In case of right angled triangles, C^2 = A^2 +B^2 - 2AB cos(Ψ) is shortened to C^2 = A^2 +B^2 because the cosine of the angle "Ψ" which is 90° is equal to 0. But how is its cosine equal to 0.

I

 

$\cos{90^{\circ}} = 0$

 

[Adesh]

We can have geometric a proof, but how about this one:
$$
\sin^2 \psi + \cos^2 \psi = 1$$
$$if~\psi = 90^{\circ} ~and~accepting ~\sin 90^{\circ} = 1$$

$$1 +\cos^2 90^{\circ} = 1$$
$$\cos^2 90^{\circ} = 0 $$
$$\cos 90^{\circ}=0
$$

 

@Adesh perhaps, but that would rely on knowing $\sin{90^{\circ}} = 1$ and we're back where we started.
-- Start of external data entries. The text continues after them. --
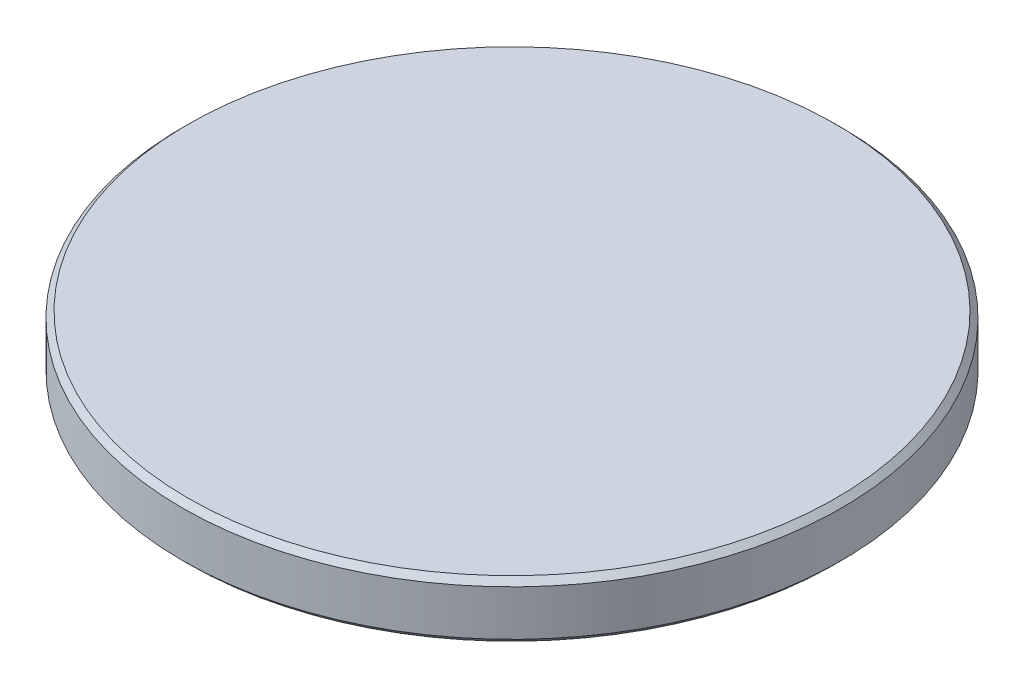
SolidWorks part; units mm, degrees
material "Q235-A"
ref_plane "Front Plane" through (0, 0, 0) normal (0, 0, 1) x (1, 0, 0)
ref_plane "Top Plane" through (0, 0, 0) normal (0, 1, 0) x (1, 0, 0)
ref_plane "Right Plane" through (0, 0, 0) normal (1, 0, 0) x (0, 0, -1)
sketch "Sketch1" plane through (0, 0, 0) normal (0, 1, 0) x (1, 0, 0)
  circle A0 centre (0, 0) radius 58
  dimension "D1" = 116
extrude "Boss-Extrude1" add sketch "Sketch1" along normal blind 10
chamfer "Chamfer1" distance 1 angle 45 2 edges at (0, 0, 58) (0, 10, 58)
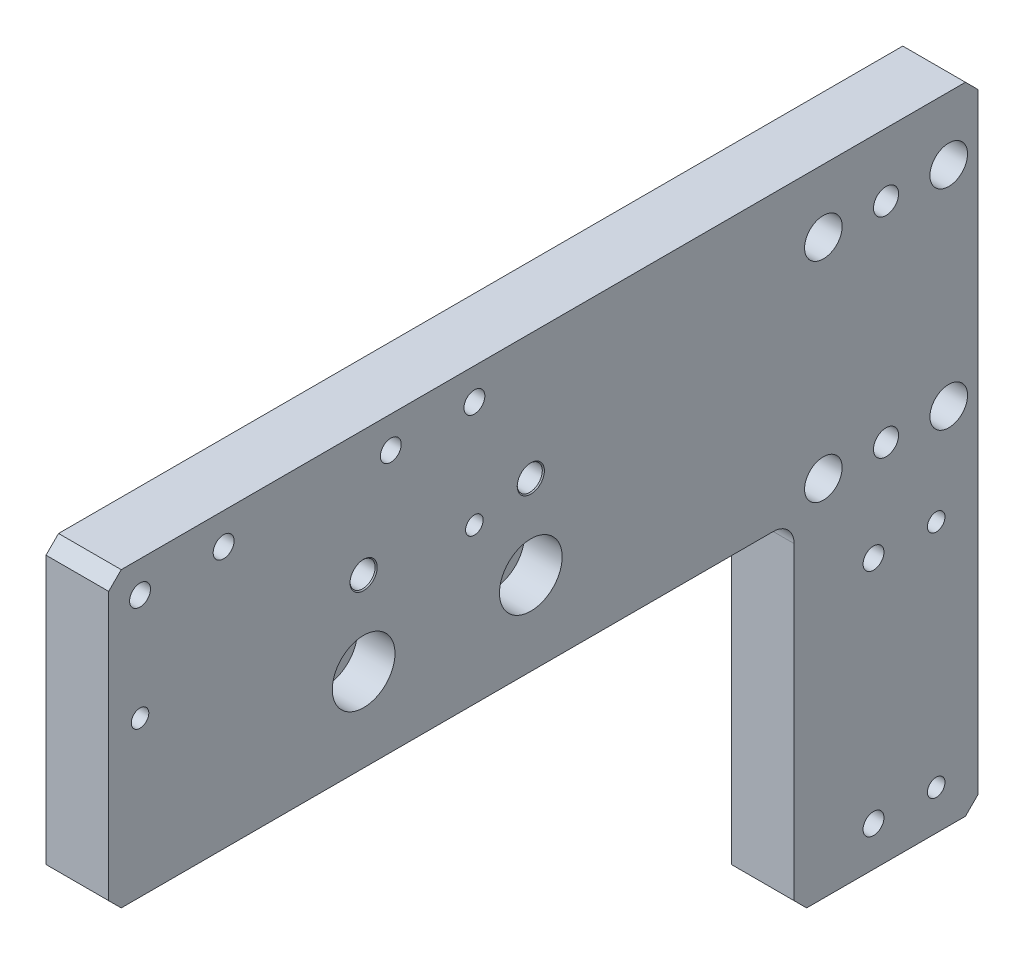
from build123d import *

# Parameters (mm, degrees)
SKETCH1_W                                            = 208
SKETCH1_H                                            = 70.1
BOSS_EXTRUDE1_DEPTH                                  = 15
CBORE_FOR_M8_HEXAGON_SOCKET_HEAD_CAP_SCR_D           = 9
CBORE_FOR_M8_HEXAGON_SOCKET_HEAD_CAP_SCR_CBORE_D     = 15
CBORE_FOR_M8_HEXAGON_SOCKET_HEAD_CAP_SCR_CBORE_DEPTH = 9
F_6_0MM_BLIND_HOLE_1_AT_2_COUNT                      = 2
F_6_0MM_BLIND_HOLE_1_AT_2_PITCH                      = 40
SKETCH6_W                                            = 15
SKETCH6_H                                            = 44
BOSS_EXTRUDE2_DEPTH                                  = 82
M5_TAPPED_HOLE1_D                                    = 4.2
M5_TAPPED_HOLE1_DEPTH                                = 12.4
M5_TAPPED_HOLE1_TIP                                  = 1.2618073
F_5_0MM_BLIND_HOLE_1_D                               = 5
F_5_0MM_BLIND_HOLE_1_DEPTH                           = 8
F_5_0MM_BLIND_HOLE_1_TIP                             = 1.502151548
M6_TAPPED_HOLE1_D                                    = 5
M6_TAPPED_HOLE1_DEPTH                                = 15
M6_TAPPED_HOLE1_TIP                                  = 1.502151548
F_5_0MM_BLIND_HOLE_2_D                               = 5
F_5_0MM_BLIND_HOLE_2_DEPTH                           = 8
F_5_0MM_BLIND_HOLE_2_TIP                             = 1.502151548
M5_TAPPED_HOLE2_D                                    = 4.2
M5_TAPPED_HOLE2_DEPTH                                = 12.4
M5_TAPPED_HOLE2_TIP                                  = 1.2618073
M8_CLEARANCE_HOLE1_D                                 = 9
F_6_0MM_BLIND_HOLE_2_D                               = 6
FILLET1_R                                            = 5
CHAMFER1_SIZE                                        = 3


with BuildPart() as part:
    # Sketch1 → Boss-Extrude1 (new body)
    with BuildSketch(Plane(origin=(0, 0, 0), x_dir=(0, 0, -1), z_dir=(1, 0, 0))):
        Rectangle(SKETCH1_W, SKETCH1_H)
    extrude(amount=BOSS_EXTRUDE1_DEPTH)

    # CBORE for M8 Hexagon socket head cap screws1 (through all)
    with Locations(Plane(origin=(15, 0, 0), x_dir=(0, 0, -1), z_dir=(1, 0, 0))):
        with Locations((-43, -15.05), (-3, -15.05)):
            CounterBoreHole(CBORE_FOR_M8_HEXAGON_SOCKET_HEAD_CAP_SCR_D / 2, CBORE_FOR_M8_HEXAGON_SOCKET_HEAD_CAP_SCR_CBORE_D / 2, CBORE_FOR_M8_HEXAGON_SOCKET_HEAD_CAP_SCR_CBORE_DEPTH)

    # Sketch5 → Ø6.0mm blind hole 1 (revolve, cut)
    with BuildSketch(Plane(origin=(15, 4.95, 43), x_dir=(0, 0, -1), z_dir=(0, 1, 0))):
        Polygon((0, 0), (0, 15), (3.25, 15), (3, 14.75), (3, 0.25), (3.25, 0), align=None)
    f_6_0mm_blind_hole_1 = revolve(axis=Axis((21.35, 4.95, 43), (-1, 0, 0)), mode=Mode.SUBTRACT)

    # Ø6.0mm blind hole 1 at 2: Ø6.0mm blind hole 1 ×2
    with Locations(*[(0, 0, -i * F_6_0MM_BLIND_HOLE_1_AT_2_PITCH) for i in range(1, F_6_0MM_BLIND_HOLE_1_AT_2_COUNT)]):
        add(f_6_0mm_blind_hole_1, mode=Mode.SUBTRACT)

    # Sketch6 → Boss-Extrude2 (add)
    with BuildSketch(Plane.XZ.offset(35.05)):
        with Locations((7.5, -82)):
            Rectangle(SKETCH6_W, SKETCH6_H)
    extrude(amount=BOSS_EXTRUDE2_DEPTH)

    # M5 Tapped Hole1
    with Locations(Plane(origin=(15, 0, 0), x_dir=(0, 0, -1), z_dir=(1, 0, 0))):
        with Locations((94, -107.55), (94, -52.55)):
            Hole(M5_TAPPED_HOLE1_D / 2, depth=M5_TAPPED_HOLE1_DEPTH)
            with Locations((0, 0, -(M5_TAPPED_HOLE1_DEPTH + M5_TAPPED_HOLE1_TIP / 2))):  # 118° drill point
                Cone(0, M5_TAPPED_HOLE1_D / 2, M5_TAPPED_HOLE1_TIP, mode=Mode.SUBTRACT)

    # Ø5.0mm blind hole 1
    with Locations(Plane(origin=(15, 0, 0), x_dir=(0, 0, -1), z_dir=(1, 0, 0))):
        with Locations((79, -52.55), (79, -107.55)):
            Hole(F_5_0MM_BLIND_HOLE_1_D / 2, depth=F_5_0MM_BLIND_HOLE_1_DEPTH)
            with Locations((0, 0, -(F_5_0MM_BLIND_HOLE_1_DEPTH + F_5_0MM_BLIND_HOLE_1_TIP / 2))):  # 118° drill point
                Cone(0, F_5_0MM_BLIND_HOLE_1_D / 2, F_5_0MM_BLIND_HOLE_1_TIP, mode=Mode.SUBTRACT)

    # M6 Tapped Hole1
    with Locations(Plane(origin=(15, 0, 0), x_dir=(0, 0, -1), z_dir=(1, 0, 0))):
        with Locations((-76.5, 27.55), (-36.5, 27.55)):
            Hole(M6_TAPPED_HOLE1_D / 2, depth=M6_TAPPED_HOLE1_DEPTH)
            with Locations((0, 0, -(M6_TAPPED_HOLE1_DEPTH + M6_TAPPED_HOLE1_TIP / 2))):  # 118° drill point
                Cone(0, M6_TAPPED_HOLE1_D / 2, M6_TAPPED_HOLE1_TIP, mode=Mode.SUBTRACT)

    # Ø5.0mm blind hole 2
    with Locations(Plane(origin=(15, 0, 0), x_dir=(0, 0, -1), z_dir=(1, 0, 0))):
        with Locations((-96.5, 27.55), (-16.5, 27.55)):
            Hole(F_5_0MM_BLIND_HOLE_2_D / 2, depth=F_5_0MM_BLIND_HOLE_2_DEPTH)
            with Locations((0, 0, -(F_5_0MM_BLIND_HOLE_2_DEPTH + F_5_0MM_BLIND_HOLE_2_TIP / 2))):  # 118° drill point
                Cone(0, F_5_0MM_BLIND_HOLE_2_D / 2, F_5_0MM_BLIND_HOLE_2_TIP, mode=Mode.SUBTRACT)

    # M5 Tapped Hole2
    with Locations(Plane(origin=(15, 0, 0), x_dir=(0, 0, -1), z_dir=(1, 0, 0))):
        with Locations((-96.5, 2.05), (-16.5, 2.05)):
            Hole(M5_TAPPED_HOLE2_D / 2, depth=M5_TAPPED_HOLE2_DEPTH)
            with Locations((0, 0, -(M5_TAPPED_HOLE2_DEPTH + M5_TAPPED_HOLE2_TIP / 2))):  # 118° drill point
                Cone(0, M5_TAPPED_HOLE2_D / 2, M5_TAPPED_HOLE2_TIP, mode=Mode.SUBTRACT)

    # M8 Clearance Hole1 (through all)
    with Locations(Plane(origin=(15, 0, 0), x_dir=(0, 0, -1), z_dir=(1, 0, 0))):
        with Locations((67, -30.05), (97, -30.05), (67, 19.95), (97, 19.95)):
            Hole(M8_CLEARANCE_HOLE1_D / 2)

    # Ø6.0mm blind hole 2 (through all)
    with Locations(Plane(origin=(15, 0, 0), x_dir=(0, 0, -1), z_dir=(1, 0, 0))):
        with Locations((82, -30.05), (82, 19.95)):
            Hole(F_6_0MM_BLIND_HOLE_2_D / 2)

    # Fillet1
    fillet1_edges = [part.edges().sort_by_distance(p)[0] for p in [
        (7.5, -35.05, -60),
    ]]
    fillet(fillet1_edges, radius=FILLET1_R)

    # Chamfer1
    chamfer1_edges = [part.edges().sort_by_distance(p)[0] for p in [
        (7.5, -117.05, -104),
        (7.5, -117.05, -60),
        (7.5, -35.05, 104),
        (7.5, 35.05, 104),
        (7.5, 35.05, -104),
    ]]
    chamfer(chamfer1_edges, length=CHAMFER1_SIZE)


solid = part.part

There are a few ways of determining the values of trigonometric functions. A useful tool is the so-called unit circle, which consists of a circle of radius 1 centred on the origin in the $x$-$y$ plane. The coordinates of any point on the circle at an angle $t$ to the positive $x$ axis are $(\cos{t}, \sin{t})$, as shown:

If $t = \frac{\pi}{2} = 90^{\circ}$, the point is at the top of the circle. The $x$-coordinate is $0$, and this is the cosine of the angle. It's also useful for determining the signs of trigonometric functions in the different quadrants (I've seen this called the "CAST Diagram" before).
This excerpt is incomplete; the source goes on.